If these expectations are not realized quickly, Rouhani will be left with the unpleasant task of explaining who has pocketed the benefits of the deal and what Iran got in return for rolling back the nuclear program. This will be particularly difficult since 83 percent of Iranians think it is "very important" for Iran to continue developing its nuclear program and Rouhani would need to show that what Iran got in return was better. This level of Iranian support for Iran to develop its nuclear program has remained essentially unchanged across various polls conducted in Iran since 2006.

The national telephone poll of 1,009 Iranians was conducted by IranPoll.com and University of Tehran Center for Public Opinion Research (UTCPOR) for University of Maryland's Center for International and Security Studies at Maryland (CISSM) on 12-28 May 2015, with a margin of error of 3.2 percent.

In reaction to the nuclear deal, Ali Tayebnia, Iran's minister for economic affairs and finance, acknowledged these challenges:

With the deal, we need a few months after the implementation of the agreed processes by Iran and the west before the full effects of the lifting of the sanctions can manifest. At the same time, people are worn down by the pressures of the past few years and expect a swift resolution to the country's economic problems.

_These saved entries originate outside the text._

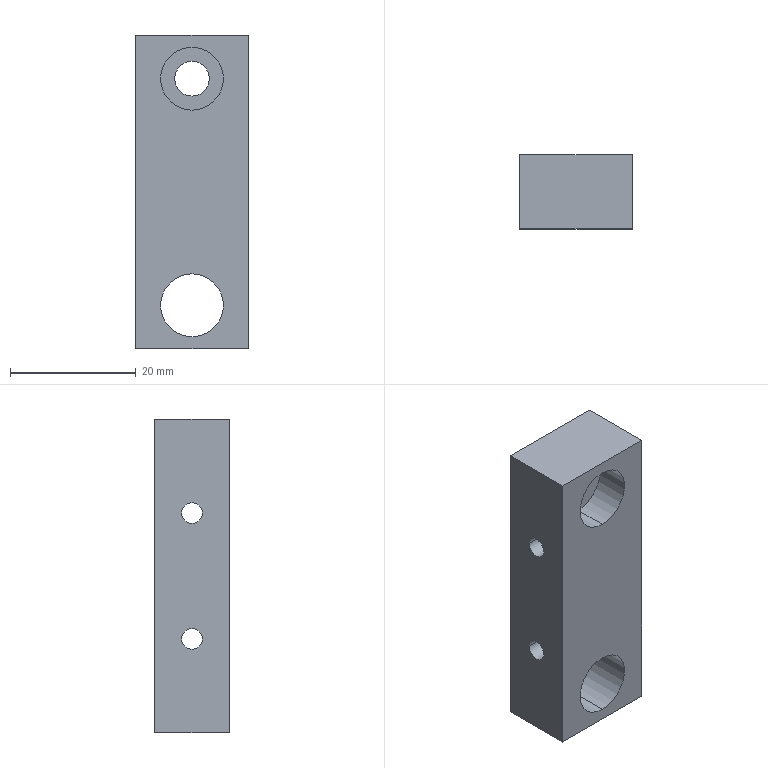Component | SolidWorks | WirePressingUnitCylinderConnectionBlock-1 | 1 solid | 17 faces | box 17.8 x 11.8 x 49.8 mm | volume 8647 mm3 | cylinder 10 | plane 7 | commonest cylinder face diameters 3.3 x4 10 x4 5.5 x2
build123d program:
from build123d import *

# Parameters (mm, degrees)
SKETCH1_W                                       = 49.8
SKETCH1_H                                       = 17.8
BOSS_EXTRUDE1_DEPTH                             = 5.9
M10X1_25_TAPPED_HOLE1_D                         = 10
M5_HEX_SOCKET_HEAD_CAP_SCREW_CBORE1_D           = 5.5
M5_HEX_SOCKET_HEAD_CAP_SCREW_CBORE1_CBORE_D     = 10
M5_HEX_SOCKET_HEAD_CAP_SCREW_CBORE1_CBORE_DEPTH = 5.5
M4_TAPPED_HOLE1_D                               = 3.3


with BuildPart() as part:
    # Sketch1 → Boss-Extrude1 (new, symmetric)
    with BuildSketch(Plane.XY):
        Rectangle(SKETCH1_W, SKETCH1_H)
    extrude(amount=BOSS_EXTRUDE1_DEPTH, both=True)

    # M10x1.25 Tapped Hole1 (through all)
    with Locations(Plane.XY.offset(5.9)):
        with Locations((18, 0)):
            Hole(M10X1_25_TAPPED_HOLE1_D / 2)

    # M5 Hex Socket Head Cap Screw CBORE1 (through all)
    with Locations(Plane.XY.offset(5.9)):
        with Locations((-18, 0)):
            CounterBoreHole(M5_HEX_SOCKET_HEAD_CAP_SCREW_CBORE1_D / 2, M5_HEX_SOCKET_HEAD_CAP_SCREW_CBORE1_CBORE_D / 2, M5_HEX_SOCKET_HEAD_CAP_SCREW_CBORE1_CBORE_DEPTH)

    # M4 Tapped Hole1 (through all)
    with Locations(Plane(origin=(0, -8.9, 0), x_dir=(-1, 0, 0), z_dir=(0, -1, 0))):
        with Locations((10, 0), (-10, 0)):
            Hole(M4_TAPPED_HOLE1_D / 2)


solid = part.part

# Placed as in the assembly
solid = solid.moved(Location((-4.335, 33.268, -145.015), (90, 0, -90)))
STEP:
#1=COLOUR_RGB('',0.7922,0.8196,0.9333);
#2=FILL_AREA_STYLE_COLOUR('',#1);
#3=FILL_AREA_STYLE('',(#2));
#4=SURFACE_STYLE_FILL_AREA(#3);
#5=SURFACE_SIDE_STYLE('',(#4));
#6=SURFACE_STYLE_USAGE(.BOTH.,#5);
#7=PRESENTATION_STYLE_ASSIGNMENT((#6));
#8=CARTESIAN_POINT('',(0.1797,1.245,-5.316));
#9=VERTEX_POINT('',#8);
#10=CARTESIAN_POINT('',(0.1797,1.375,-5.316));
#11=VERTEX_POINT('',#10);
#12=CARTESIAN_POINT('',(0.1797,1.31,-5.316));
#13=DIRECTION('',(-1.,0.,0.));
#14=DIRECTION('',(0.,1.,0.));
#15=AXIS2_PLACEMENT_3D('',#12,#13,#14);
#16=CIRCLE('',#15,0.06496);
#17=EDGE_CURVE('',#9,#11,#16,.T.);
#18=ORIENTED_EDGE('',*,*,#17,.F.);
#19=CARTESIAN_POINT('',(-0.5211,1.245,-5.316));
#20=VERTEX_POINT('',#19);
#21=CARTESIAN_POINT('',(-0.5211,1.245,-5.316));
#22=DIRECTION('',(-1.,0.,0.));
#23=VECTOR('',#22,39.37);
#24=LINE('',#21,#23);
#25=EDGE_CURVE('',#9,#20,#24,.T.);
#26=ORIENTED_EDGE('',*,*,#25,.T.);
#27=CARTESIAN_POINT('',(-0.5211,1.375,-5.316));
#28=VERTEX_POINT('',#27);
#29=CARTESIAN_POINT('',(-0.5211,1.31,-5.316));
#30=DIRECTION('',(-1.,0.,0.));
#31=DIRECTION('',(0.,1.,0.));
#32=AXIS2_PLACEMENT_3D('',#29,#30,#31);
#33=CIRCLE('',#32,0.06496);
#34=EDGE_CURVE('',#20,#28,#33,.T.);
#35=ORIENTED_EDGE('',*,*,#34,.T.);
#36=CARTESIAN_POINT('',(-0.5211,1.375,-5.316));
#37=DIRECTION('',(-1.,0.,0.));
#38=VECTOR('',#37,39.37);
#39=LINE('',#36,#38);
#40=EDGE_CURVE('',#11,#28,#39,.T.);
#41=ORIENTED_EDGE('',*,*,#40,.F.);
#42=EDGE_LOOP('',(#18,#26,#35,#41));
#43=FACE_OUTER_BOUND('',#42,.T.);
#44=CARTESIAN_POINT('',(-0.5211,1.31,-5.316));
#45=DIRECTION('',(-1.,0.,0.));
#46=DIRECTION('',(0.,1.,0.));
#47=AXIS2_PLACEMENT_3D('',#44,#45,#46);
#48=CYLINDRICAL_SURFACE('',#47,0.06496);
#49=ADVANCED_FACE('',(#43),#48,.F.);
#50=CARTESIAN_POINT('',(0.1797,1.245,-6.103));
#51=VERTEX_POINT('',#50);
#52=CARTESIAN_POINT('',(0.1797,1.375,-6.103));
#53=VERTEX_POINT('',#52);
#54=CARTESIAN_POINT('',(0.1797,1.31,-6.103));
#55=DIRECTION('',(-1.,0.,0.));
#56=DIRECTION('',(0.,1.,0.));
#57=AXIS2_PLACEMENT_3D('',#54,#55,#56);
#58=CIRCLE('',#57,0.06496);
#59=EDGE_CURVE('',#51,#53,#58,.T.);
#60=ORIENTED_EDGE('',*,*,#59,.F.);
#61=CARTESIAN_POINT('',(-0.5211,1.245,-6.103));
#62=VERTEX_POINT('',#61);
#63=CARTESIAN_POINT('',(-0.5211,1.245,-6.103));
#64=DIRECTION('',(-1.,0.,0.));
#65=VECTOR('',#64,39.37);
#66=LINE('',#63,#65);
#67=EDGE_CURVE('',#51,#62,#66,.T.);
#68=ORIENTED_EDGE('',*,*,#67,.T.);
#69=CARTESIAN_POINT('',(-0.5211,1.375,-6.103));
#70=VERTEX_POINT('',#69);
#71=CARTESIAN_POINT('',(-0.5211,1.31,-6.103));
#72=DIRECTION('',(-1.,0.,0.));
#73=DIRECTION('',(0.,1.,0.));
#74=AXIS2_PLACEMENT_3D('',#71,#72,#73);
#75=CIRCLE('',#74,0.06496);
#76=EDGE_CURVE('',#62,#70,#75,.T.);
#77=ORIENTED_EDGE('',*,*,#76,.T.);
#78=CARTESIAN_POINT('',(-0.5211,1.375,-6.103));
#79=DIRECTION('',(-1.,0.,0.));
#80=VECTOR('',#79,39.37);
#81=LINE('',#78,#80);
#82=EDGE_CURVE('',#53,#70,#81,.T.);
#83=ORIENTED_EDGE('',*,*,#82,.F.);
#84=EDGE_LOOP('',(#60,#68,#77,#83));
#85=FACE_OUTER_BOUND('',#84,.T.);
#86=CARTESIAN_POINT('',(-0.5211,1.31,-6.103));
#87=DIRECTION('',(-1.,0.,0.));
#88=DIRECTION('',(0.,1.,0.));
#89=AXIS2_PLACEMENT_3D('',#86,#87,#88);
#90=CYLINDRICAL_SURFACE('',#89,0.06496);
#91=ADVANCED_FACE('',(#85),#90,.F.);
#92=CARTESIAN_POINT('',(-0.1707,1.294,-4.804));
#93=VERTEX_POINT('',#92);
#94=CARTESIAN_POINT('',(-0.1707,1.294,-5.197));
#95=VERTEX_POINT('',#94);
#96=CARTESIAN_POINT('',(-0.1707,1.294,-5.001));
#97=DIRECTION('',(0.,-1.,0.));
#98=DIRECTION('',(-0.,0.,-1.));
#99=AXIS2_PLACEMENT_3D('',#96,#97,#98);
#100=CIRCLE('',#99,0.1969);
#101=EDGE_CURVE('',#93,#95,#100,.T.);
#102=ORIENTED_EDGE('',*,*,#101,.F.);
#103=CARTESIAN_POINT('',(-0.1707,1.077,-4.804));
#104=VERTEX_POINT('',#103);
#105=CARTESIAN_POINT('',(-0.1707,1.077,-4.804));
#106=DIRECTION('',(0.,-1.,0.));
#107=VECTOR('',#106,39.37);
#108=LINE('',#105,#107);
#109=EDGE_CURVE('',#93,#104,#108,.T.);
#110=ORIENTED_EDGE('',*,*,#109,.T.);
#111=CARTESIAN_POINT('',(-0.1707,1.077,-5.197));
#112=VERTEX_POINT('',#111);
#113=CARTESIAN_POINT('',(-0.1707,1.077,-5.001));
#114=DIRECTION('',(0.,-1.,0.));
#115=DIRECTION('',(-0.,0.,-1.));
#116=AXIS2_PLACEMENT_3D('',#113,#114,#115);
#117=CIRCLE('',#116,0.1969);
#118=EDGE_CURVE('',#104,#112,#117,.T.);
#119=ORIENTED_EDGE('',*,*,#118,.T.);
#120=CARTESIAN_POINT('',(-0.1707,1.077,-5.197));
#121=DIRECTION('',(0.,-1.,0.));
#122=VECTOR('',#121,39.37);
#123=LINE('',#120,#122);
#124=EDGE_CURVE('',#95,#112,#123,.T.);
#125=ORIENTED_EDGE('',*,*,#124,.F.);
#126=EDGE_LOOP('',(#102,#110,#119,#125));
#127=FACE_OUTER_BOUND('',#126,.T.);
#128=CARTESIAN_POINT('',(-0.1707,1.077,-5.001));
#129=DIRECTION('',(0.,-1.,0.));
#130=DIRECTION('',(-0.,0.,-1.));
#131=AXIS2_PLACEMENT_3D('',#128,#129,#130);
#132=CYLINDRICAL_SURFACE('',#131,0.1969);
#133=ADVANCED_FACE('',(#127),#132,.F.);
#134=CARTESIAN_POINT('',(-0.1707,1.542,-4.892));
#135=VERTEX_POINT('',#134);
#136=CARTESIAN_POINT('',(-0.1707,1.542,-5.109));
#137=VERTEX_POINT('',#136);
#138=CARTESIAN_POINT('',(-0.1707,1.542,-5.001));
#139=DIRECTION('',(0.,-1.,0.));
#140=DIRECTION('',(-0.,0.,-1.));
#141=AXIS2_PLACEMENT_3D('',#138,#139,#140);
#142=CIRCLE('',#141,0.1083);
#143=EDGE_CURVE('',#135,#137,#142,.T.);
#144=ORIENTED_EDGE('',*,*,#143,.F.);
#145=CARTESIAN_POINT('',(-0.1707,1.294,-4.892));
#146=VERTEX_POINT('',#145);
#147=CARTESIAN_POINT('',(-0.1707,1.077,-4.892));
#148=DIRECTION('',(0.,-1.,0.));
#149=VECTOR('',#148,39.37);
#150=LINE('',#147,#149);
#151=EDGE_CURVE('',#135,#146,#150,.T.);
#152=ORIENTED_EDGE('',*,*,#151,.T.);
#153=CARTESIAN_POINT('',(-0.1707,1.294,-5.109));
#154=VERTEX_POINT('',#153);
#155=CARTESIAN_POINT('',(-0.1707,1.294,-5.001));
#156=DIRECTION('',(0.,-1.,0.));
#157=DIRECTION('',(-0.,0.,-1.));
#158=AXIS2_PLACEMENT_3D('',#155,#156,#157);
#159=CIRCLE('',#158,0.1083);
#160=EDGE_CURVE('',#146,#154,#159,.T.);
#161=ORIENTED_EDGE('',*,*,#160,.T.);
#162=CARTESIAN_POINT('',(-0.1707,1.077,-5.109));
#163=DIRECTION('',(0.,-1.,0.));
#164=VECTOR('',#163,39.37);
#165=LINE('',#162,#164);
#166=EDGE_CURVE('',#137,#154,#165,.T.);
#167=ORIENTED_EDGE('',*,*,#166,.F.);
#168=EDGE_LOOP('',(#144,#152,#161,#167));
#169=FACE_OUTER_BOUND('',#168,.T.);
#170=CARTESIAN_POINT('',(-0.1707,1.077,-5.001));
#171=DIRECTION('',(0.,-1.,0.));
#172=DIRECTION('',(-0.,0.,-1.));
#173=AXIS2_PLACEMENT_3D('',#170,#171,#172);
#174=CYLINDRICAL_SURFACE('',#173,0.1083);
#175=ADVANCED_FACE('',(#169),#174,.F.);
#176=CARTESIAN_POINT('',(-0.1707,1.542,-6.221));
#177=VERTEX_POINT('',#176);
#178=CARTESIAN_POINT('',(-0.1707,1.542,-6.615));
#179=VERTEX_POINT('',#178);
#180=CARTESIAN_POINT('',(-0.1707,1.542,-6.418));
#181=DIRECTION('',(0.,-1.,0.));
#182=DIRECTION('',(-0.,0.,-1.));
#183=AXIS2_PLACEMENT_3D('',#180,#181,#182);
#184=CIRCLE('',#183,0.1969);
#185=EDGE_CURVE('',#177,#179,#184,.T.);
#186=ORIENTED_EDGE('',*,*,#185,.F.);
#187=CARTESIAN_POINT('',(-0.1707,1.077,-6.221));
#188=VERTEX_POINT('',#187);
#189=CARTESIAN_POINT('',(-0.1707,1.077,-6.221));
#190=DIRECTION('',(0.,-1.,0.));
#191=VECTOR('',#190,39.37);
#192=LINE('',#189,#191);
#193=EDGE_CURVE('',#177,#188,#192,.T.);
#194=ORIENTED_EDGE('',*,*,#193,.T.);
#195=CARTESIAN_POINT('',(-0.1707,1.077,-6.615));
#196=VERTEX_POINT('',#195);
#197=CARTESIAN_POINT('',(-0.1707,1.077,-6.418));
#198=DIRECTION('',(0.,-1.,0.));
#199=DIRECTION('',(-0.,0.,-1.));
#200=AXIS2_PLACEMENT_3D('',#197,#198,#199);
#201=CIRCLE('',#200,0.1969);
#202=EDGE_CURVE('',#188,#196,#201,.T.);
#203=ORIENTED_EDGE('',*,*,#202,.T.);
#204=CARTESIAN_POINT('',(-0.1707,1.077,-6.615));
#205=DIRECTION('',(0.,-1.,0.));
#206=VECTOR('',#205,39.37);
#207=LINE('',#204,#206);
#208=EDGE_CURVE('',#179,#196,#207,.T.);
#209=ORIENTED_EDGE('',*,*,#208,.F.);
#210=EDGE_LOOP('',(#186,#194,#203,#209));
#211=FACE_OUTER_BOUND('',#210,.T.);
#212=CARTESIAN_POINT('',(-0.1707,1.077,-6.418));
#213=DIRECTION('',(0.,-1.,0.));
#214=DIRECTION('',(-0.,0.,-1.));
#215=AXIS2_PLACEMENT_3D('',#212,#213,#214);
#216=CYLINDRICAL_SURFACE('',#215,0.1969);
#217=ADVANCED_FACE('',(#211),#216,.F.);
#218=CARTESIAN_POINT('',(-0.5211,1.31,-6.103));
#219=DIRECTION('',(-1.,0.,0.));
#220=DIRECTION('',(0.,1.,0.));
#221=AXIS2_PLACEMENT_3D('',#218,#219,#220);
#222=CIRCLE('',#221,0.06496);
#223=EDGE_CURVE('',#70,#62,#222,.T.);
#224=ORIENTED_EDGE('',*,*,#223,.F.);
#225=ORIENTED_EDGE('',*,*,#76,.F.);
#226=EDGE_LOOP('',(#224,#225));
#227=FACE_BOUND('',#226,.T.);
#228=CARTESIAN_POINT('',(-0.5211,1.542,-4.729));
#229=VERTEX_POINT('',#228);
#230=CARTESIAN_POINT('',(-0.5211,1.542,-6.69));
#231=VERTEX_POINT('',#230);
#232=CARTESIAN_POINT('',(-0.5211,1.542,-4.729));
#233=DIRECTION('',(-0.,0.,-1.));
#234=VECTOR('',#233,39.37);
#235=LINE('',#232,#234);
#236=EDGE_CURVE('',#229,#231,#235,.T.);
#237=ORIENTED_EDGE('',*,*,#236,.T.);
#238=CARTESIAN_POINT('',(-0.5211,1.077,-6.69));
#239=VERTEX_POINT('',#238);
#240=CARTESIAN_POINT('',(-0.5211,1.077,-6.69));
#241=DIRECTION('',(0.,1.,0.));
#242=VECTOR('',#241,39.37);
#243=LINE('',#240,#242);
#244=EDGE_CURVE('',#239,#231,#243,.T.);
#245=ORIENTED_EDGE('',*,*,#244,.F.);
#246=CARTESIAN_POINT('',(-0.5211,1.077,-4.729));
#247=VERTEX_POINT('',#246);
#248=CARTESIAN_POINT('',(-0.5211,1.077,-4.729));
#249=DIRECTION('',(-0.,0.,-1.));
#250=VECTOR('',#249,39.37);
#251=LINE('',#248,#250);
#252=EDGE_CURVE('',#247,#239,#251,.T.);
#253=ORIENTED_EDGE('',*,*,#252,.F.);
#254=CARTESIAN_POINT('',(-0.5211,1.077,-4.729));
#255=DIRECTION('',(0.,1.,0.));
#256=VECTOR('',#255,39.37);
#257=LINE('',#254,#256);
#258=EDGE_CURVE('',#247,#229,#257,.T.);
#259=ORIENTED_EDGE('',*,*,#258,.T.);
#260=EDGE_LOOP('',(#237,#245,#253,#259));
#261=FACE_OUTER_BOUND('',#260,.T.);
#262=CARTESIAN_POINT('',(-0.5211,1.31,-5.316));
#263=DIRECTION('',(-1.,0.,0.));
#264=DIRECTION('',(0.,1.,0.));
#265=AXIS2_PLACEMENT_3D('',#262,#263,#264);
#266=CIRCLE('',#265,0.06496);
#267=EDGE_CURVE('',#28,#20,#266,.T.);
#268=ORIENTED_EDGE('',*,*,#267,.F.);
#269=ORIENTED_EDGE('',*,*,#34,.F.);
#270=EDGE_LOOP('',(#268,#269));
#271=FACE_BOUND('',#270,.T.);
#272=CARTESIAN_POINT('',(-0.5211,1.077,-4.729));
#273=DIRECTION('',(1.,0.,-0.));
#274=DIRECTION('',(0.,0.,1.));
#275=AXIS2_PLACEMENT_3D('',#272,#273,#274);
#276=PLANE('',#275);
#277=ADVANCED_FACE('',(#227,#261,#271),#276,.F.);
#278=CARTESIAN_POINT('',(0.1797,1.542,-4.729));
#279=VERTEX_POINT('',#278);
#280=CARTESIAN_POINT('',(0.1797,1.542,-4.729));
#281=DIRECTION('',(-1.,0.,0.));
#282=VECTOR('',#281,39.37);
#283=LINE('',#280,#282);
#284=EDGE_CURVE('',#279,#229,#283,.T.);
#285=ORIENTED_EDGE('',*,*,#284,.T.);
#286=ORIENTED_EDGE('',*,*,#258,.F.);
#287=CARTESIAN_POINT('',(0.1797,1.077,-4.729));
#288=VERTEX_POINT('',#287);
#289=CARTESIAN_POINT('',(0.1797,1.077,-4.729));
#290=DIRECTION('',(-1.,0.,0.));
#291=VECTOR('',#290,39.37);
#292=LINE('',#289,#291);
#293=EDGE_CURVE('',#288,#247,#292,.T.);
#294=ORIENTED_EDGE('',*,*,#293,.F.);
#295=CARTESIAN_POINT('',(0.1797,1.077,-4.729));
#296=DIRECTION('',(0.,1.,0.));
#297=VECTOR('',#296,39.37);
#298=LINE('',#295,#297);
#299=EDGE_CURVE('',#288,#279,#298,.T.);
#300=ORIENTED_EDGE('',*,*,#299,.T.);
#301=EDGE_LOOP('',(#285,#286,#294,#300));
#302=FACE_OUTER_BOUND('',#301,.T.);
#303=CARTESIAN_POINT('',(0.1797,1.077,-4.729));
#304=DIRECTION('',(-0.,0.,-1.));
#305=DIRECTION('',(0.,1.,0.));
#306=AXIS2_PLACEMENT_3D('',#303,#304,#305);
#307=PLANE('',#306);
#308=ADVANCED_FACE('',(#302),#307,.F.);
#309=CARTESIAN_POINT('',(0.1797,1.542,-6.69));
#310=VERTEX_POINT('',#309);
#311=CARTESIAN_POINT('',(0.1797,1.542,-6.69));
#312=DIRECTION('',(1.,0.,-0.));
#313=VECTOR('',#312,39.37);
#314=LINE('',#311,#313);
#315=EDGE_CURVE('',#231,#310,#314,.T.);
#316=ORIENTED_EDGE('',*,*,#315,.T.);
#317=CARTESIAN_POINT('',(0.1797,1.077,-6.69));
#318=VERTEX_POINT('',#317);
#319=CARTESIAN_POINT('',(0.1797,1.077,-6.69));
#320=DIRECTION('',(0.,1.,0.));
#321=VECTOR('',#320,39.37);
#322=LINE('',#319,#321);
#323=EDGE_CURVE('',#318,#310,#322,.T.);
#324=ORIENTED_EDGE('',*,*,#323,.F.);
#325=CARTESIAN_POINT('',(0.1797,1.077,-6.69));
#326=DIRECTION('',(1.,0.,-0.));
#327=VECTOR('',#326,39.37);
#328=LINE('',#325,#327);
#329=EDGE_CURVE('',#239,#318,#328,.T.);
#330=ORIENTED_EDGE('',*,*,#329,.F.);
#331=ORIENTED_EDGE('',*,*,#244,.T.);
#332=EDGE_LOOP('',(#316,#324,#330,#331));
#333=FACE_OUTER_BOUND('',#332,.T.);
#334=CARTESIAN_POINT('',(0.1797,1.077,-6.69));
#335=DIRECTION('',(0.,0.,1.));
#336=DIRECTION('',(0.,-1.,0.));
#337=AXIS2_PLACEMENT_3D('',#334,#335,#336);
#338=PLANE('',#337);
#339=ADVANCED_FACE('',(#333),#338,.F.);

The deal could introduce other problems for President Rouhani as well. Iran's economy suffers from many structural deficiencies that are mostly the byproducts of mismanagement and corruption. To this date, Iranian officials had the luxury of blaming Iran's sluggish economy on "unjust" foreign sanctions. The post-deal environment, however, will be different and Iranians are more likely to place the blame for Iran's underperforming economy on Iranian policymakers. With a diminished scapegoat, Rouhani will quickly come under increasing pressure to explain why he has not been able to turn things around.

More significantly, Iran's economy is in dire need of foreign investment, particularly in its oil and gas sectors. While the Joint Comprehensive Plan of Action will lift many restrictions that were placed on such investments in Iran's economy, by no mean does it advocate such investments. To this date, the United States has been able to impose staggering fines on global financial institutions that have been found to evade US sanctions and the pain of these fines are not likely to be forgotten by banks for the years to come. With most US sanctions on Iran still in place and the snap-back provisions that are included in the deal, major multinational companies are unlikely to accept the risks of investing in Iran.

The most likely scenario, considering Iran's impressive cash reserves held in foreign banks and a middle-class with an acquired taste for foreign goods, is that most companies would want to exploit Iran's market by selling their goods to Iran in return for fast risk-free cash instead of investing in it. While this will lower the cost of consumer goods in Iran, the competition is likely to force many Iranian industries into bankruptcy, resulting in higher unemployment rates. Of course, Iran could prevent this by introducing tariffs with equal effect of the sanctions, in which case the whole economic point of the deal would be lost.

Still, the positive psychological effects of the deal, the initial catch-up effect of suppressed inherent development capacities of a well-educated 80 million strong population, and Iran's relatively unique stance as an unexploited large economy might help Rohani carry public support in the short term. In the long run, however, there is no substitute for effective governance and sound economic management.

Amir Farmanesh, the co-founder and President of IranPoll.com, co-authored this piece. A shorter version of this piece was published by the Guardian.